A synchrophasor is a device attached to the power distribution system that senses amplitude, frequency, and phase information of electricity flowing through the power distribution system where the synchrophasor is located. This information together is generally represented by a phasor. The information can then be relayed to a remote site for further analysis. Additionally, the synchrophasors are synchronized to a common clock such that the phasor information can be related to the time at which the information was sensed. The common clocking of the synchrophasors further enables phase differences throughout the power distribution system to be more precisely ascertained. However, algorithms to efficiently use this information are still under development and different manufacturers of synchrophasors can have different tolerances or standards. Therefore, synchrophasors are a step in the right direction, but do not always provide consistent and therefore useable information.
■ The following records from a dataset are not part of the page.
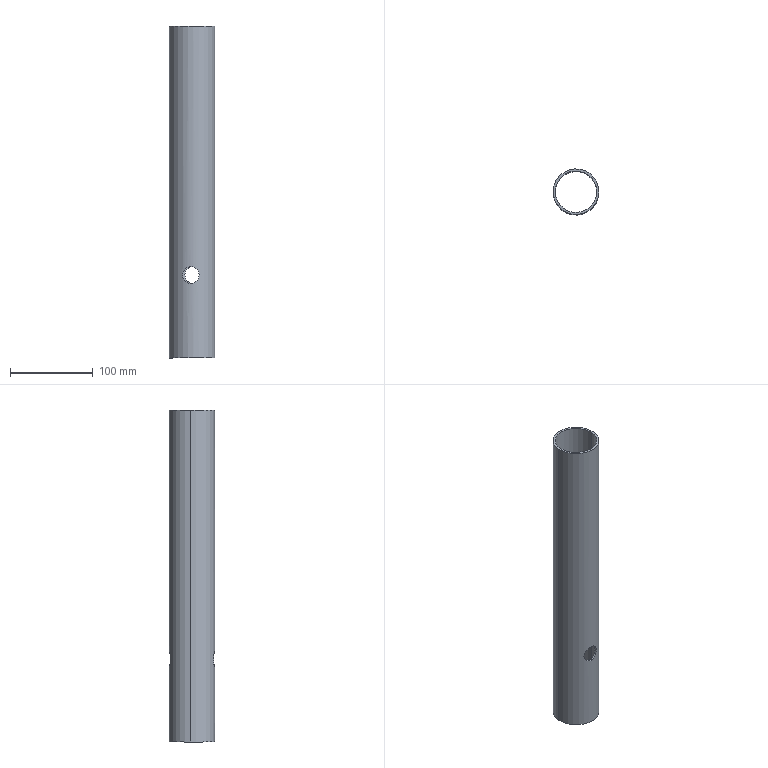Component | SolidWorks | 7LegTravel-2 | 1 solid | 10 faces | box 55 x 55 x 400 mm | volume 163332 mm3 | cylinder 8 | plane 2 | commonest cylinder face diameters 20 x4 50 x2 55 x2
build123d program:
from build123d import *

# Parameters (mm, degrees)
SKETCH1_R           = 27.5
SKETCH1_R_2         = 25
BOSS_EXTRUDE1_DEPTH = 400
SKETCH2_R           = 10
CUT_EXTRUDE1_DEPTH  = 240


with BuildPart() as part:
    # Sketch1 → Boss-Extrude1 (new body)
    with BuildSketch(Plane.XY):
        Circle(SKETCH1_R)
        Circle(SKETCH1_R_2, mode=Mode.SUBTRACT)
    extrude(amount=BOSS_EXTRUDE1_DEPTH)

    # Sketch2 → Cut-Extrude1 (cut, symmetric)
    with BuildSketch(Plane(origin=(0, 25, 0), x_dir=(1, 0, 0), z_dir=(0, 1, 0))):
        with Locations(Location((0, -300, 0), (0, 0, 270))):
            Circle(SKETCH2_R)
    extrude(amount=CUT_EXTRUDE1_DEPTH, both=True, mode=Mode.SUBTRACT)


solid = part.part

# Placed as in the assembly
solid = solid.moved(Location((142.5, 813.71, 917.68), (-180, 0, -176.706)))
STEP:
#1=CARTESIAN_POINT('',(5.548,30.955,24.712));
#2=VERTEX_POINT('',#1);
#3=CARTESIAN_POINT('',(5.548,30.955,23.924));
#4=VERTEX_POINT('',#3);
#5=CARTESIAN_POINT('',(5.548,30.955,24.712));
#6=CARTESIAN_POINT('',(5.561,30.954,24.712));
#7=CARTESIAN_POINT('',(5.574,30.954,24.711));
#8=CARTESIAN_POINT('',(5.6,30.953,24.709));
#9=CARTESIAN_POINT('',(5.613,30.953,24.707));
#10=CARTESIAN_POINT('',(5.651,30.954,24.699));
#11=CARTESIAN_POINT('',(5.676,30.955,24.691));
#12=CARTESIAN_POINT('',(5.712,30.958,24.677));
#13=CARTESIAN_POINT('',(5.724,30.959,24.671));
#14=CARTESIAN_POINT('',(5.747,30.962,24.659));
#15=CARTESIAN_POINT('',(5.758,30.963,24.652));
#16=CARTESIAN_POINT('',(5.79,30.968,24.631));
#17=CARTESIAN_POINT('',(5.81,30.972,24.615));
#18=CARTESIAN_POINT('',(5.847,30.979,24.578));
#19=CARTESIAN_POINT('',(5.863,30.983,24.558));
#20=CARTESIAN_POINT('',(5.885,30.988,24.527));
#21=CARTESIAN_POINT('',(5.891,30.99,24.516));
#22=CARTESIAN_POINT('',(5.904,30.994,24.493));
#23=CARTESIAN_POINT('',(5.91,30.995,24.481));
#24=CARTESIAN_POINT('',(5.925,31.,24.445));
#25=CARTESIAN_POINT('',(5.932,31.002,24.421));
#26=CARTESIAN_POINT('',(5.94,31.005,24.383));
#27=CARTESIAN_POINT('',(5.942,31.005,24.37));
#28=CARTESIAN_POINT('',(5.945,31.006,24.344));
#29=CARTESIAN_POINT('',(5.945,31.006,24.331));
#30=CARTESIAN_POINT('',(5.945,31.006,24.292));
#31=CARTESIAN_POINT('',(5.943,31.005,24.266));
#32=CARTESIAN_POINT('',(5.935,31.003,24.228));
#33=CARTESIAN_POINT('',(5.932,31.002,24.215));
#34=CARTESIAN_POINT('',(5.924,31.,24.191));
#35=CARTESIAN_POINT('',(5.919,30.998,24.178));
#36=CARTESIAN_POINT('',(5.909,30.995,24.155));
#37=CARTESIAN_POINT('',(5.904,30.994,24.143));
#38=CARTESIAN_POINT('',(5.891,30.99,24.12));
#39=CARTESIAN_POINT('',(5.885,30.988,24.109));
#40=CARTESIAN_POINT('',(5.863,30.983,24.077));
#41=CARTESIAN_POINT('',(5.846,30.979,24.058));
#42=CARTESIAN_POINT('',(5.81,30.972,24.022));
#43=CARTESIAN_POINT('',(5.789,30.968,24.005));
#44=CARTESIAN_POINT('',(5.747,30.962,23.977));
#45=CARTESIAN_POINT('',(5.724,30.959,23.965));
#46=CARTESIAN_POINT('',(5.688,30.956,23.95));
#47=CARTESIAN_POINT('',(5.675,30.955,23.945));
#48=CARTESIAN_POINT('',(5.651,30.954,23.938));
#49=CARTESIAN_POINT('',(5.638,30.953,23.935));
#50=CARTESIAN_POINT('',(5.6,30.953,23.927));
#51=CARTESIAN_POINT('',(5.574,30.953,23.924));
#52=CARTESIAN_POINT('',(5.548,30.955,23.924));
#53=B_SPLINE_CURVE_WITH_KNOTS('',3,(#5,#6,#7,#8,#9,#10,#11,#12,#13,#14,#15,#16,#17,#18,#19,#20,#21,#22,#23,#24,#25,#26,#27,#28,#29,#30,#31,#32,#33,#34,#35,#36,#37,#38,#39,#40,#41,#42,#43,#44,#45,#46,#47,#48,#49,#50,#51,#52),.UNSPECIFIED.,.F.,.F.,(4,2,2,2,2,2,2,2,2,2,2,2,2,2,2,2,2,2,2,2,2,2,2,4),(0.03154,0.03252,0.03351,0.03548,0.03646,0.03745,0.03942,0.04139,0.04238,0.04336,0.04533,0.04632,0.0473,0.04927,0.05026,0.05124,0.05223,0.05321,0.05519,0.05716,0.05913,0.06011,0.0611,0.06307),.UNSPECIFIED.);
#54=EDGE_CURVE('',#2,#4,#53,.T.);
#55=ORIENTED_EDGE('',*,*,#54,.F.);
#56=CARTESIAN_POINT('',(5.554,31.053,24.712));
#57=VERTEX_POINT('',#56);
#58=CARTESIAN_POINT('',(5.124,23.585,24.712));
#59=DIRECTION('',(0.05742,0.9983,0.));
#60=VECTOR('',#59,39.37);
#61=LINE('',#58,#60);
#62=EDGE_CURVE('',#2,#57,#61,.T.);
#63=ORIENTED_EDGE('',*,*,#62,.T.);
#64=CARTESIAN_POINT('',(5.554,31.053,23.924));
#65=VERTEX_POINT('',#64);
#66=CARTESIAN_POINT('',(5.554,31.053,24.712));
#67=CARTESIAN_POINT('',(5.567,31.052,24.712));
#68=CARTESIAN_POINT('',(5.58,31.052,24.711));
#69=CARTESIAN_POINT('',(5.606,31.051,24.709));
#70=CARTESIAN_POINT('',(5.619,31.052,24.707));
#71=CARTESIAN_POINT('',(5.657,31.052,24.699));
#72=CARTESIAN_POINT('',(5.682,31.054,24.691));
#73=CARTESIAN_POINT('',(5.718,31.057,24.676));
#74=CARTESIAN_POINT('',(5.73,31.059,24.671));
#75=CARTESIAN_POINT('',(5.753,31.062,24.659));
#76=CARTESIAN_POINT('',(5.764,31.064,24.652));
#77=CARTESIAN_POINT('',(5.796,31.069,24.631));
#78=CARTESIAN_POINT('',(5.816,31.073,24.614));
#79=CARTESIAN_POINT('',(5.853,31.082,24.578));
#80=CARTESIAN_POINT('',(5.869,31.086,24.558));
#81=CARTESIAN_POINT('',(5.891,31.092,24.527));
#82=CARTESIAN_POINT('',(5.897,31.094,24.516));
#83=CARTESIAN_POINT('',(5.91,31.098,24.493));
#84=CARTESIAN_POINT('',(5.915,31.1,24.481));
#85=CARTESIAN_POINT('',(5.931,31.105,24.446));
#86=CARTESIAN_POINT('',(5.938,31.108,24.421));
#87=CARTESIAN_POINT('',(5.946,31.111,24.383));
#88=CARTESIAN_POINT('',(5.948,31.111,24.37));
#89=CARTESIAN_POINT('',(5.951,31.112,24.344));
#90=CARTESIAN_POINT('',(5.951,31.113,24.331));
#91=CARTESIAN_POINT('',(5.951,31.113,24.292));
#92=CARTESIAN_POINT('',(5.949,31.112,24.266));
#93=CARTESIAN_POINT('',(5.941,31.109,24.228));
#94=CARTESIAN_POINT('',(5.938,31.108,24.215));
#95=CARTESIAN_POINT('',(5.93,31.105,24.191));
#96=CARTESIAN_POINT('',(5.926,31.103,24.178));
#97=CARTESIAN_POINT('',(5.915,31.1,24.155));
#98=CARTESIAN_POINT('',(5.91,31.098,24.143));
#99=CARTESIAN_POINT('',(5.897,31.094,24.12));
#100=CARTESIAN_POINT('',(5.891,31.092,24.109));
#101=CARTESIAN_POINT('',(5.869,31.086,24.078));
#102=CARTESIAN_POINT('',(5.852,31.082,24.058));
#103=CARTESIAN_POINT('',(5.825,31.075,24.031));
#104=CARTESIAN_POINT('',(5.815,31.073,24.022));
#105=CARTESIAN_POINT('',(5.795,31.069,24.006));
#106=CARTESIAN_POINT('',(5.785,31.067,23.998));
#107=CARTESIAN_POINT('',(5.753,31.062,23.977));
#108=CARTESIAN_POINT('',(5.73,31.059,23.965));
#109=CARTESIAN_POINT('',(5.694,31.055,23.95));
#110=CARTESIAN_POINT('',(5.681,31.054,23.945));
#111=CARTESIAN_POINT('',(5.657,31.053,23.938));
#112=CARTESIAN_POINT('',(5.644,31.052,23.935));
#113=CARTESIAN_POINT('',(5.619,31.052,23.93));
#114=CARTESIAN_POINT('',(5.606,31.051,23.928));
#115=CARTESIAN_POINT('',(5.58,31.052,23.925));
#116=CARTESIAN_POINT('',(5.567,31.052,23.924));
#117=CARTESIAN_POINT('',(5.554,31.053,23.924));
#118=B_SPLINE_CURVE_WITH_KNOTS('',3,(#66,#67,#68,#69,#70,#71,#72,#73,#74,#75,#76,#77,#78,#79,#80,#81,#82,#83,#84,#85,#86,#87,#88,#89,#90,#91,#92,#93,#94,#95,#96,#97,#98,#99,#100,#101,#102,#103,#104,#105,#106,#107,#108,#109,#110,#111,#112,#113,#114,#115,#116,#117),.UNSPECIFIED.,.F.,.F.,(4,2,2,2,2,2,2,2,2,2,2,2,2,2,2,2,2,2,2,2,2,2,2,2,2,4),(0.0316,0.03259,0.03357,0.03555,0.03653,0.03752,0.03949,0.04147,0.04245,0.04344,0.04541,0.0464,0.04739,0.04936,0.05035,0.05134,0.05232,0.05331,0.05528,0.05627,0.05726,0.05923,0.06022,0.0612,0.06219,0.06318),.UNSPECIFIED.);
#119=EDGE_CURVE('',#57,#65,#118,.T.);
#120=ORIENTED_EDGE('',*,*,#119,.T.);
#121=CARTESIAN_POINT('',(5.124,23.585,23.924));
#122=DIRECTION('',(0.05742,0.9983,0.));
#123=VECTOR('',#122,39.37);
#124=LINE('',#121,#123);
#125=EDGE_CURVE('',#4,#65,#124,.T.);
#126=ORIENTED_EDGE('',*,*,#125,.F.);
#127=EDGE_LOOP('',(#55,#63,#120,#126));
#128=FACE_OUTER_BOUND('',#127,.T.);
#129=CARTESIAN_POINT('',(5.124,23.585,24.318));
#130=DIRECTION('',(0.05742,0.9983,0.));
#131=DIRECTION('',(0.,0.,-1.));
#132=AXIS2_PLACEMENT_3D('',#129,#130,#131);
#133=CYLINDRICAL_SURFACE('',#132,0.3937);
#134=ADVANCED_FACE('',(#128),#133,.F.);
#135=CARTESIAN_POINT('',(5.667,33.018,23.924));
#136=VERTEX_POINT('',#135);
#137=CARTESIAN_POINT('',(5.667,33.018,24.712));
#138=VERTEX_POINT('',#137);
#139=CARTESIAN_POINT('',(5.667,33.018,23.924));
#140=CARTESIAN_POINT('',(5.693,33.017,23.924));
#141=CARTESIAN_POINT('',(5.719,33.014,23.927));
#142=CARTESIAN_POINT('',(5.757,33.009,23.935));
#143=CARTESIAN_POINT('',(5.769,33.007,23.938));
#144=CARTESIAN_POINT('',(5.794,33.003,23.945));
#145=CARTESIAN_POINT('',(5.806,33.001,23.95));
#146=CARTESIAN_POINT('',(5.841,32.993,23.965));
#147=CARTESIAN_POINT('',(5.863,32.987,23.977));
#148=CARTESIAN_POINT('',(5.895,32.978,23.998));
#149=CARTESIAN_POINT('',(5.905,32.975,24.006));
#150=CARTESIAN_POINT('',(5.924,32.969,24.022));
#151=CARTESIAN_POINT('',(5.934,32.965,24.031));
#152=CARTESIAN_POINT('',(5.96,32.956,24.058));
#153=CARTESIAN_POINT('',(5.976,32.95,24.078));
#154=CARTESIAN_POINT('',(6.004,32.938,24.12));
#155=CARTESIAN_POINT('',(6.016,32.933,24.143));
#156=CARTESIAN_POINT('',(6.03,32.926,24.178));
#157=CARTESIAN_POINT('',(6.035,32.924,24.19));
#158=CARTESIAN_POINT('',(6.042,32.92,24.215));
#159=CARTESIAN_POINT('',(6.045,32.919,24.228));
#160=CARTESIAN_POINT('',(6.053,32.915,24.266));
#161=CARTESIAN_POINT('',(6.055,32.914,24.292));
#162=CARTESIAN_POINT('',(6.055,32.914,24.331));
#163=CARTESIAN_POINT('',(6.054,32.914,24.344));
#164=CARTESIAN_POINT('',(6.052,32.915,24.37));
#165=CARTESIAN_POINT('',(6.05,32.916,24.383));
#166=CARTESIAN_POINT('',(6.043,32.92,24.421));
#167=CARTESIAN_POINT('',(6.035,32.924,24.446));
#168=CARTESIAN_POINT('',(6.016,32.933,24.494));
#169=CARTESIAN_POINT('',(6.004,32.938,24.516));
#170=CARTESIAN_POINT('',(5.983,32.947,24.548));
#171=CARTESIAN_POINT('',(5.976,32.95,24.558));
#172=CARTESIAN_POINT('',(5.96,32.956,24.578));
#173=CARTESIAN_POINT('',(5.951,32.959,24.588));
#174=CARTESIAN_POINT('',(5.925,32.969,24.615));
#175=CARTESIAN_POINT('',(5.905,32.975,24.631));
#176=CARTESIAN_POINT('',(5.874,32.984,24.652));
#177=CARTESIAN_POINT('',(5.863,32.987,24.659));
#178=CARTESIAN_POINT('',(5.84,32.993,24.671));
#179=CARTESIAN_POINT('',(5.829,32.996,24.677));
#180=CARTESIAN_POINT('',(5.794,33.003,24.691));
#181=CARTESIAN_POINT('',(5.769,33.007,24.699));
#182=CARTESIAN_POINT('',(5.731,33.013,24.707));
#183=CARTESIAN_POINT('',(5.718,33.014,24.709));
#184=CARTESIAN_POINT('',(5.693,33.017,24.711));
#185=CARTESIAN_POINT('',(5.68,33.018,24.712));
#186=CARTESIAN_POINT('',(5.667,33.018,24.712));
#187=B_SPLINE_CURVE_WITH_KNOTS('',3,(#139,#140,#141,#142,#143,#144,#145,#146,#147,#148,#149,#150,#151,#152,#153,#154,#155,#156,#157,#158,#159,#160,#161,#162,#163,#164,#165,#166,#167,#168,#169,#170,#171,#172,#173,#174,#175,#176,#177,#178,#179,#180,#181,#182,#183,#184,#185,#186),.UNSPECIFIED.,.F.,.F.,(4,2,2,2,2,2,2,2,2,2,2,2,2,2,2,2,2,2,2,2,2,2,2,4),(0.,0.001975,0.002962,0.00395,0.005925,0.006912,0.0079,0.009875,0.01185,0.01284,0.01382,0.0158,0.01679,0.01777,0.01975,0.02172,0.02271,0.0237,0.02567,0.02666,0.02765,0.02962,0.03061,0.0316),.UNSPECIFIED.);
#188=EDGE_CURVE('',#136,#138,#187,.T.);
#189=ORIENTED_EDGE('',*,*,#188,.T.);
#190=CARTESIAN_POINT('',(5.672,33.117,24.712));
#191=VERTEX_POINT('',#190);
#192=CARTESIAN_POINT('',(5.124,23.585,24.712));
#193=DIRECTION('',(0.05742,0.9983,0.));
#194=VECTOR('',#193,39.37);
#195=LINE('',#192,#194);
#196=EDGE_CURVE('',#138,#191,#195,.T.);
#197=ORIENTED_EDGE('',*,*,#196,.T.);
#198=CARTESIAN_POINT('',(5.672,33.117,23.924));
#199=VERTEX_POINT('',#198);
#200=CARTESIAN_POINT('',(5.672,33.117,23.924));
#201=CARTESIAN_POINT('',(5.699,33.115,23.924));
#202=CARTESIAN_POINT('',(5.724,33.113,23.927));
#203=CARTESIAN_POINT('',(5.762,33.108,23.935));
#204=CARTESIAN_POINT('',(5.774,33.106,23.938));
#205=CARTESIAN_POINT('',(5.799,33.102,23.945));
#206=CARTESIAN_POINT('',(5.811,33.1,23.95));
#207=CARTESIAN_POINT('',(5.847,33.093,23.965));
#208=CARTESIAN_POINT('',(5.869,33.087,23.977));
#209=CARTESIAN_POINT('',(5.9,33.079,23.998));
#210=CARTESIAN_POINT('',(5.911,33.076,24.006));
#211=CARTESIAN_POINT('',(5.93,33.07,24.022));
#212=CARTESIAN_POINT('',(5.94,33.067,24.031));
#213=CARTESIAN_POINT('',(5.966,33.059,24.058));
#214=CARTESIAN_POINT('',(5.982,33.053,24.078));
#215=CARTESIAN_POINT('',(6.01,33.042,24.12));
#216=CARTESIAN_POINT('',(6.022,33.037,24.143));
#217=CARTESIAN_POINT('',(6.036,33.031,24.178));
#218=CARTESIAN_POINT('',(6.041,33.029,24.191));
#219=CARTESIAN_POINT('',(6.048,33.026,24.215));
#220=CARTESIAN_POINT('',(6.051,33.025,24.228));
#221=CARTESIAN_POINT('',(6.059,33.021,24.266));
#222=CARTESIAN_POINT('',(6.061,33.02,24.292));
#223=CARTESIAN_POINT('',(6.061,33.02,24.331));
#224=CARTESIAN_POINT('',(6.061,33.02,24.344));
#225=CARTESIAN_POINT('',(6.058,33.022,24.37));
#226=CARTESIAN_POINT('',(6.056,33.022,24.383));
#227=CARTESIAN_POINT('',(6.049,33.026,24.421));
#228=CARTESIAN_POINT('',(6.041,33.029,24.446));
#229=CARTESIAN_POINT('',(6.022,33.037,24.493));
#230=CARTESIAN_POINT('',(6.01,33.042,24.516));
#231=CARTESIAN_POINT('',(5.989,33.05,24.548));
#232=CARTESIAN_POINT('',(5.982,33.053,24.558));
#233=CARTESIAN_POINT('',(5.966,33.059,24.578));
#234=CARTESIAN_POINT('',(5.957,33.061,24.588));
#235=CARTESIAN_POINT('',(5.93,33.07,24.615));
#236=CARTESIAN_POINT('',(5.911,33.076,24.631));
#237=CARTESIAN_POINT('',(5.88,33.085,24.652));
#238=CARTESIAN_POINT('',(5.869,33.087,24.659));
#239=CARTESIAN_POINT('',(5.846,33.093,24.671));
#240=CARTESIAN_POINT('',(5.835,33.095,24.677));
#241=CARTESIAN_POINT('',(5.799,33.102,24.691));
#242=CARTESIAN_POINT('',(5.775,33.106,24.699));
#243=CARTESIAN_POINT('',(5.737,33.111,24.707));
#244=CARTESIAN_POINT('',(5.724,33.113,24.709));
#245=CARTESIAN_POINT('',(5.698,33.115,24.711));
#246=CARTESIAN_POINT('',(5.685,33.116,24.712));
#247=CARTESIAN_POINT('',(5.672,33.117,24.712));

The center of inertia is useful in estimating the phase of electricity within all or a portion of a power distribution system. Differences between centers of inertia between two areas of the power distribution system or between the whole power distribution system and a portion of the power distribution system are indicative of instability within the system. Although the center of inertia equation is relatively simple, it must be understood that its application to a modern power distribution system is difficult. A modern power distribution system is in constant fluctuation due to changes in supply, demand, and faults that occur within the system. Additionally, various interconnections between different power distribution systems can exist and/or be switched on or off adding even more complexity to the calculation. Instability in the system can lead to power loss due to system component failures or overcompensation via corrective actions.
It is desirable for the center of inertia to be computed in a relatively short interval for it to be useful for detecting—and even more so for correcting—instabilities within a power distribution system. Currently used calculations for the center of inertia rely on phase information from disparate synchrophasors to be aggregated by a central processor for calculation of the center of inertia. The total time to calculate the center of inertia includes the time to transmit the phase information in addition to the time required to calculate the center of inertia. Response to detected instabilities also requires additional time in order to command active component(s) of the system to correct the instability. Systems using such a topology are therefore not ideal for the detection and reacting to instabilities within a power distribution system.
Therefore, improving the instability detecting and correcting mechanisms used in power distribution systems is of utmost importance to deliver consistent power to consumers and to prevent damage to the power infrastructure. Thus, there is a need for improvement in this field.